Why is finding the RMS current from a superimposed DC and AC signal the same as the pythagorean theorem?

Question

Suppose two currents of value $a$ (from dc source) and $b\sin(\omega t)$ (from ac source) are superimposed. We want to know the effective RMS current. By taking the average of the square of $a + b\sin(wt)$ I get the value as $\sqrt{a^2+b^2/2}$. However, that exactly matches the value if we square and add the RMS value individually like $a^2+(b/\sqrt{2})^2$ and then take its square root! Why do these two methods give the same answer? Its just like applying Pythagoras theorem!

Answer 1

It can be analytically easily shown. Let $T$ be the period of the ac signal ($T=1/2\pi\omega$). The square of the RMS current will then be given by:

$I_{rms}^2 = \frac{1}{T} \int_0^T (a+b \sin \omega t )^2dt=\frac{1}{T}[ \int_0^T a^2 dt + \int_0^T 2ab \sin \omega tdt +\int_0^T b^2 \sin^2 \omega tdt] $

Given that the second integral vanishes we have:

$I_{rms}^2 = \frac{1}{T}\int_0^T a^2 dt + \frac{1}{T}\int_0^T b^2 \sin^2 \omega tdt = I_{rms,a}^2 + I_{rms,b}^2$

which is just adding the squares of the RMS values of the two currents individually. Would this 2nd integral of the cross products be non zero (which could well be the case in other scenarios) one can not simply add the squares. Basically, the cross term between the instantaneous currents contributes at any given moment to the square of the instantaneous currents but it vanishes when one takes the time integral and does not contribute to the total RMS current.

Edits Since the main title was changed to why this looks similar to the Pythagorean theorem: I do not think there is any geometrical connection with a triangle. You can make some connection with generalizing the Pythagorean theorem to functional analysis in which you define inner products of functions by integrals. There you have a similar relation if the functions are orthogonal.

Answer 2

The Parseval and Planquerel are the key facts to note here. They are equivalent to the notion that the Fourier transform is a unitary map and that sinusoids of different frequency are orthogonal. You need to define your notion of orthogonality carefully and this leads to the rather technical idea of the tempered distributions, but here you can make things easier for yourself and consider only functions that are periodic over the period of the sinusoid you're looking at.
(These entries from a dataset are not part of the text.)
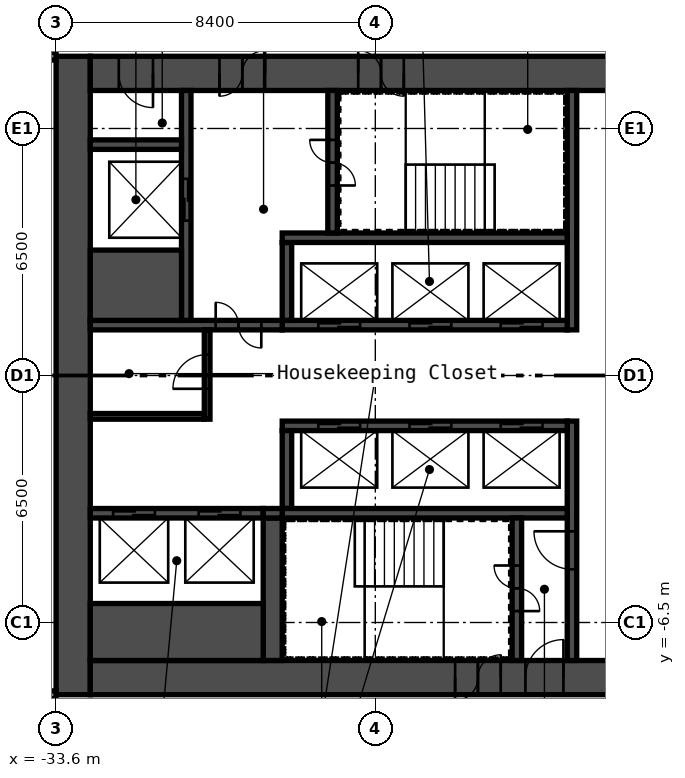
"""IFC4 building model, lengths in metres.
Left out: names, types, materials, properties, quantities, classifications, styles, units other than length and angle.
Written with IfcOpenShell. Run it as: python <this file> out.ifc"""

import sys

from ifc_helpers import new_model, si_unit, direction, frame, frame_2d, origin, place, context, subcontext, project, spatial, rectangle, extrude, element, fill, save


model = new_model("IFC4")
c1 = context("Model", 3, precision=1e-05, world=origin(), true_north=direction((0.0, 1.0)))
c2 = subcontext(c1, "Body", "Model", "MODEL_VIEW")
j1 = project(units=[si_unit("LENGTHUNIT", "METRE"), si_unit("PLANEANGLEUNIT", "RADIAN")], contexts=[c1])
p1 = place(None, origin())
s1 = spatial("IfcSite", under=j1, at=p1, CompositionType="ELEMENT")
p2 = place(p1, origin())
s2 = spatial("IfcBuilding", under=s1, at=p2, CompositionType="ELEMENT")
p3 = place(p2, origin())
s3 = spatial("IfcBuildingStorey", under=s2, at=p3, CompositionType="ELEMENT", Elevation=0.0)
p4 = place(p3, frame((-33.15, -8.4, 0.0), z_axis=(0.0, 0.0, 1.0), x_axis=(0.0, 1.0, 0.0)))
e1 = element("IfcWall", 1, at=p4, inside=s3, PredefinedType="SHEAR", context=c2, shape_type="SweptSolid", body=[
    extrude(rectangle(XDim=16.8, YDim=0.9, at=frame_2d((8.4, 0.0))), origin(), (0.0, 0.0, 1.0), 8.6),
])
p5 = place(p3, frame((-32.7, 7.95, 0.0), z_axis=(0.0, 0.0, 1.0), x_axis=(1.0, 0.0, 0.0)))
e2 = element("IfcWall", 2, at=p5, inside=s3, PredefinedType="SHEAR", context=c2, shape_type="SweptSolid", body=[
    extrude(rectangle(XDim=15.0, YDim=0.9, at=frame_2d((7.5, 0.0))), origin(), (0.0, 0.0, 1.0), 8.6),
])
p6 = place(p5, frame((3.4, 0.0, 0.0)))
e3 = element("IfcOpeningElement", 3, at=p6, cuts=e2, PredefinedType="OPENING", context=c2, shape_type="SweptSolid", body=[
    extrude(rectangle(XDim=1.2, YDim=2.1, at=frame_2d((0.6, 1.05))), frame((0.0, 0.46, 0.0), z_axis=(0.0, -1.0, 0.0), x_axis=(1.0, 0.0, 0.0)), (0.0, 0.0, 1.0), 0.92),
])
p7 = place(p5, frame((0.75, 0.0, 0.0)))
e4 = element("IfcOpeningElement", 4, at=p7, cuts=e2, PredefinedType="OPENING", context=c2, shape_type="SweptSolid", body=[
    extrude(rectangle(XDim=0.9, YDim=2.1, at=frame_2d((0.45, 1.05))), frame((0.0, 0.46, 0.0), z_axis=(0.0, -1.0, 0.0), x_axis=(1.0, 0.0, 0.0)), (0.0, 0.0, 1.0), 0.92),
])
p8 = place(p5, frame((7.05, 0.0, 0.0)))
e5 = element("IfcOpeningElement", 5, at=p8, cuts=e2, PredefinedType="OPENING", context=c2, shape_type="SweptSolid", body=[
    extrude(rectangle(XDim=1.2, YDim=2.1, at=frame_2d((0.6, 1.05))), frame((0.0, 0.46, 0.0), z_axis=(0.0, -1.0, 0.0), x_axis=(1.0, 0.0, 0.0)), (0.0, 0.0, 1.0), 0.92),
])
p9 = place(p3, frame((-32.7, -7.95, 0.0), z_axis=(0.0, 0.0, 1.0), x_axis=(1.0, 0.0, 0.0)))
e6 = element("IfcWall", 6, at=p9, inside=s3, PredefinedType="SHEAR", context=c2, shape_type="SweptSolid", body=[
    extrude(rectangle(XDim=15.0, YDim=0.9, at=frame_2d((7.5, 0.0))), origin(), (0.0, 0.0, 1.0), 8.6),
])
p10 = place(p9, frame((11.45, 0.0, 0.0)))
e7 = element("IfcOpeningElement", 7, at=p10, cuts=e6, PredefinedType="OPENING", context=c2, shape_type="SweptSolid", body=[
    extrude(rectangle(XDim=1.0, YDim=2.1, at=frame_2d((0.5, 1.05))), frame((0.0, 0.46, 0.0), z_axis=(0.0, -1.0, 0.0), x_axis=(1.0, 0.0, 0.0)), (0.0, 0.0, 1.0), 0.92),
])
p11 = place(p9, frame((9.6, 0.0, 0.0)))
e8 = element("IfcOpeningElement", 8, at=p11, cuts=e6, PredefinedType="OPENING", context=c2, shape_type="SweptSolid", body=[
    extrude(rectangle(XDim=1.2, YDim=2.1, at=frame_2d((0.6, 1.05))), frame((0.0, 0.46, 0.0), z_axis=(0.0, -1.0, 0.0), x_axis=(1.0, 0.0, 0.0)), (0.0, 0.0, 1.0), 0.92),
])
p12 = place(p3, frame((-20.025, 1.2, 0.0), z_axis=(0.0, 0.0, 1.0), x_axis=(0.0, 1.0, 0.0)))
e9 = element("IfcWall", 9, at=p12, inside=s3, PredefinedType="SHEAR", context=c2, shape_type="SweptSolid", body=[
    extrude(rectangle(XDim=6.3, YDim=0.25, at=frame_2d((3.15, 0.0))), origin(), (0.0, 0.0, 1.0), 8.6),
])
p13 = place(p3, frame((-20.025, -7.5, 0.0), z_axis=(0.0, 0.0, 1.0), x_axis=(0.0, 1.0, 0.0)))
e10 = element("IfcWall", 10, at=p13, inside=s3, PredefinedType="SHEAR", context=c2, shape_type="SweptSolid", body=[
    extrude(rectangle(XDim=6.3, YDim=0.25, at=frame_2d((3.15, 0.0))), origin(), (0.0, 0.0, 1.0), 8.6),
])
p14 = place(p13, frame((2.4, 0.0, 0.0)))
e11 = element("IfcOpeningElement", 11, at=p14, cuts=e10, PredefinedType="OPENING", context=c2, shape_type="SweptSolid", body=[
    extrude(rectangle(XDim=1.0, YDim=2.1, at=frame_2d((0.5, 1.05))), frame((0.0, 0.135, 0.0), z_axis=(0.0, -1.0, 0.0), x_axis=(1.0, 0.0, 0.0)), (0.0, 0.0, 1.0), 0.27),
])
p15 = place(p3, frame((-27.65, 1.325, 0.0), z_axis=(0.0, 0.0, 1.0), x_axis=(1.0, 0.0, 0.0)))
e12 = element("IfcWall", 12, at=p15, inside=s3, PredefinedType="SHEAR", context=c2, shape_type="SweptSolid", body=[
    extrude(rectangle(XDim=7.5, YDim=0.25, at=frame_2d((3.75, 0.0))), origin(), (0.0, 0.0, 1.0), 8.6),
])
p16 = place(p15, frame((5.75, 0.0, 0.0)))
e13 = element("IfcOpeningElement", 13, at=p16, cuts=e12, PredefinedType="OPENING", context=c2, shape_type="SweptSolid", body=[
    extrude(rectangle(XDim=1.1, YDim=2.1, at=frame_2d((0.55, 1.05))), frame((0.0, 0.135, 0.0), z_axis=(0.0, -1.0, 0.0), x_axis=(1.0, 0.0, 0.0)), (0.0, 0.0, 1.0), 0.27),
])
p17 = place(p15, frame((3.35, 0.0, 0.0)))
e14 = element("IfcOpeningElement", 14, at=p17, cuts=e12, PredefinedType="OPENING", context=c2, shape_type="SweptSolid", body=[
    extrude(rectangle(XDim=1.1, YDim=2.1, at=frame_2d((0.55, 1.05))), frame((0.0, 0.135, 0.0), z_axis=(0.0, -1.0, 0.0), x_axis=(1.0, 0.0, 0.0)), (0.0, 0.0, 1.0), 0.27),
])
p18 = place(p15, frame((0.95, 0.0, 0.0)))
e15 = element("IfcOpeningElement", 15, at=p18, cuts=e12, PredefinedType="OPENING", context=c2, shape_type="SweptSolid", body=[
    extrude(rectangle(XDim=1.1, YDim=2.1, at=frame_2d((0.55, 1.05))), frame((0.0, 0.135, 0.0), z_axis=(0.0, -1.0, 0.0), x_axis=(1.0, 0.0, 0.0)), (0.0, 0.0, 1.0), 0.27),
])
p19 = place(p3, frame((-27.525, 1.45, 0.0), z_axis=(0.0, 0.0, 1.0), x_axis=(0.0, 1.0, 0.0)))
e16 = element("IfcWall", 16, at=p19, inside=s3, PredefinedType="SHEAR", context=c2, shape_type="SweptSolid", body=[
    extrude(rectangle(XDim=2.05, YDim=0.25, at=frame_2d((1.025, 0.0))), origin(), (0.0, 0.0, 1.0), 8.6),
])
p20 = place(p3, frame((-27.65, 3.625, 0.0), z_axis=(0.0, 0.0, 1.0), x_axis=(1.0, 0.0, 0.0)))
e17 = element("IfcWall", 17, at=p20, inside=s3, PredefinedType="SHEAR", context=c2, shape_type="SweptSolid", body=[
    extrude(rectangle(XDim=7.5, YDim=0.25, at=frame_2d((3.75, 0.0))), origin(), (0.0, 0.0, 1.0), 8.6),
])
p21 = place(p3, frame((-26.325, 3.75, 0.0), z_axis=(0.0, 0.0, 1.0), x_axis=(0.0, 1.0, 0.0)))
e18 = element("IfcWall", 18, at=p21, inside=s3, PredefinedType="SHEAR", context=c2, shape_type="SweptSolid", body=[
    extrude(rectangle(XDim=3.75, YDim=0.25, at=frame_2d((1.875, 0.0))), origin(), (0.0, 0.0, 1.0), 8.6),
])
p22 = place(p21, frame((1.25, 0.0, 0.0)))
e19 = element("IfcOpeningElement", 19, at=p22, cuts=e18, PredefinedType="OPENING", context=c2, shape_type="SweptSolid", body=[
    extrude(rectangle(XDim=1.2, YDim=2.1, at=frame_2d((0.6, 1.05))), frame((0.0, 0.135, 0.0), z_axis=(0.0, -1.0, 0.0), x_axis=(1.0, 0.0, 0.0)), (0.0, 0.0, 1.0), 0.27),
])
p23 = place(p3, frame((-32.7, 1.325, 0.0), z_axis=(0.0, 0.0, 1.0), x_axis=(1.0, 0.0, 0.0)))
e20 = element("IfcWall", 20, at=p23, inside=s3, PredefinedType="SHEAR", context=c2, shape_type="SweptSolid", body=[
    extrude(rectangle(XDim=5.05, YDim=0.25, at=frame_2d((2.525, 0.0))), origin(), (0.0, 0.0, 1.0), 8.6),
])
p24 = place(p23, frame((3.3, 0.0, 0.0)))
e21 = element("IfcOpeningElement", 21, at=p24, cuts=e20, PredefinedType="OPENING", context=c2, shape_type="SweptSolid", body=[
    extrude(rectangle(XDim=1.2, YDim=2.1, at=frame_2d((0.6, 1.05))), frame((0.0, 0.135, 0.0), z_axis=(0.0, -1.0, 0.0), x_axis=(1.0, 0.0, 0.0)), (0.0, 0.0, 1.0), 0.27),
])
p25 = place(p3, frame((-30.175, 1.45, 0.0), z_axis=(0.0, 0.0, 1.0), x_axis=(0.0, 1.0, 0.0)))
e22 = element("IfcWall", 22, at=p25, inside=s3, PredefinedType="SHEAR", context=c2, shape_type="SweptSolid", body=[
    extrude(rectangle(XDim=6.05, YDim=0.25, at=frame_2d((3.025, 0.0))), origin(), (0.0, 0.0, 1.0), 8.6),
])
p26 = place(p25, frame((2.625, 0.0, 0.0)))
e23 = element("IfcOpeningElement", 23, at=p26, cuts=e22, PredefinedType="OPENING", context=c2, shape_type="SweptSolid", body=[
    extrude(rectangle(XDim=1.1, YDim=2.1, at=frame_2d((0.55, 1.05))), frame((0.0, 0.135, 0.0), z_axis=(0.0, -1.0, 0.0), x_axis=(1.0, 0.0, 0.0)), (0.0, 0.0, 1.0), 0.27),
])
p27 = place(p3, frame((-32.7, 2.375, 0.0), z_axis=(0.0, 0.0, 1.0), x_axis=(1.0, 0.0, 0.0)))
e24 = element("IfcWall", 24, at=p27, inside=s3, PredefinedType="SHEAR", context=c2, shape_type="SweptSolid", body=[
    extrude(rectangle(XDim=2.4, YDim=1.85, at=frame_2d((1.2, 0.0))), origin(), (0.0, 0.0, 1.0), 8.6),
])
p28 = place(p3, frame((-32.7, 6.075, 0.0), z_axis=(0.0, 0.0, 1.0), x_axis=(1.0, 0.0, 0.0)))
e25 = element("IfcWall", 25, at=p28, inside=s3, PredefinedType="SHEAR", context=c2, shape_type="SweptSolid", body=[
    extrude(rectangle(XDim=2.4, YDim=0.25, at=frame_2d((1.2, 0.0))), origin(), (0.0, 0.0, 1.0), 8.6),
])
p29 = place(p3, frame((-27.65, -1.325, 0.0), z_axis=(0.0, 0.0, 1.0), x_axis=(1.0, 0.0, 0.0)))
e26 = element("IfcWall", 26, at=p29, inside=s3, PredefinedType="SHEAR", context=c2, shape_type="SweptSolid", body=[
    extrude(rectangle(XDim=7.5, YDim=0.25, at=frame_2d((3.75, 0.0))), origin(), (0.0, 0.0, 1.0), 8.6),
])
p30 = place(p29, frame((5.75, 0.0, 0.0)))
e27 = element("IfcOpeningElement", 27, at=p30, cuts=e26, PredefinedType="OPENING", context=c2, shape_type="SweptSolid", body=[
    extrude(rectangle(XDim=1.1, YDim=2.1, at=frame_2d((0.55, 1.05))), frame((0.0, 0.135, 0.0), z_axis=(0.0, -1.0, 0.0), x_axis=(1.0, 0.0, 0.0)), (0.0, 0.0, 1.0), 0.27),
])
p31 = place(p29, frame((3.35, 0.0, 0.0)))
e28 = element("IfcOpeningElement", 28, at=p31, cuts=e26, PredefinedType="OPENING", context=c2, shape_type="SweptSolid", body=[
    extrude(rectangle(XDim=1.1, YDim=2.1, at=frame_2d((0.55, 1.05))), frame((0.0, 0.135, 0.0), z_axis=(0.0, -1.0, 0.0), x_axis=(1.0, 0.0, 0.0)), (0.0, 0.0, 1.0), 0.27),
])
p32 = place(p29, frame((0.95, 0.0, 0.0)))
e29 = element("IfcOpeningElement", 29, at=p32, cuts=e26, PredefinedType="OPENING", context=c2, shape_type="SweptSolid", body=[
    extrude(rectangle(XDim=1.1, YDim=2.1, at=frame_2d((0.55, 1.05))), frame((0.0, 0.135, 0.0), z_axis=(0.0, -1.0, 0.0), x_axis=(1.0, 0.0, 0.0)), (0.0, 0.0, 1.0), 0.27),
])
p33 = place(p3, frame((-27.525, -3.5, 0.0), z_axis=(0.0, 0.0, 1.0), x_axis=(0.0, 1.0, 0.0)))
e30 = element("IfcWall", 30, at=p33, inside=s3, PredefinedType="SHEAR", context=c2, shape_type="SweptSolid", body=[
    extrude(rectangle(XDim=2.05, YDim=0.25, at=frame_2d((1.025, 0.0))), origin(), (0.0, 0.0, 1.0), 8.6),
])
p34 = place(p3, frame((-27.65, -3.625, 0.0), z_axis=(0.0, 0.0, 1.0), x_axis=(1.0, 0.0, 0.0)))
e31 = element("IfcWall", 31, at=p34, inside=s3, PredefinedType="SHEAR", context=c2, shape_type="SweptSolid", body=[
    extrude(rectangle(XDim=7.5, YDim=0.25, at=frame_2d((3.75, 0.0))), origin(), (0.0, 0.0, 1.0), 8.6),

Then you can resolve all such periodic functions into Fourier series and the sinusoids with periods that are integer fractions of the period of consideration can be made in to an orthonormal basis for such periodic functions. Crucially here we must include a sinusoid of zero frequency to make our basis complete.

You can take the fact that the sinusoids are orthogonal to be a given, or you can think of them as resulting from a certain Sturm-Liouville problem, namely one with $p(x)=w(x) = const$ and $q(x)=0$ in the Wikipedia page notation. Sturm-Liouville systems alway yields a complete set of orthogonal eigenfunctions, but the inner product in question is not always the simple integral of the product of the functions in question as it is for Fourier series.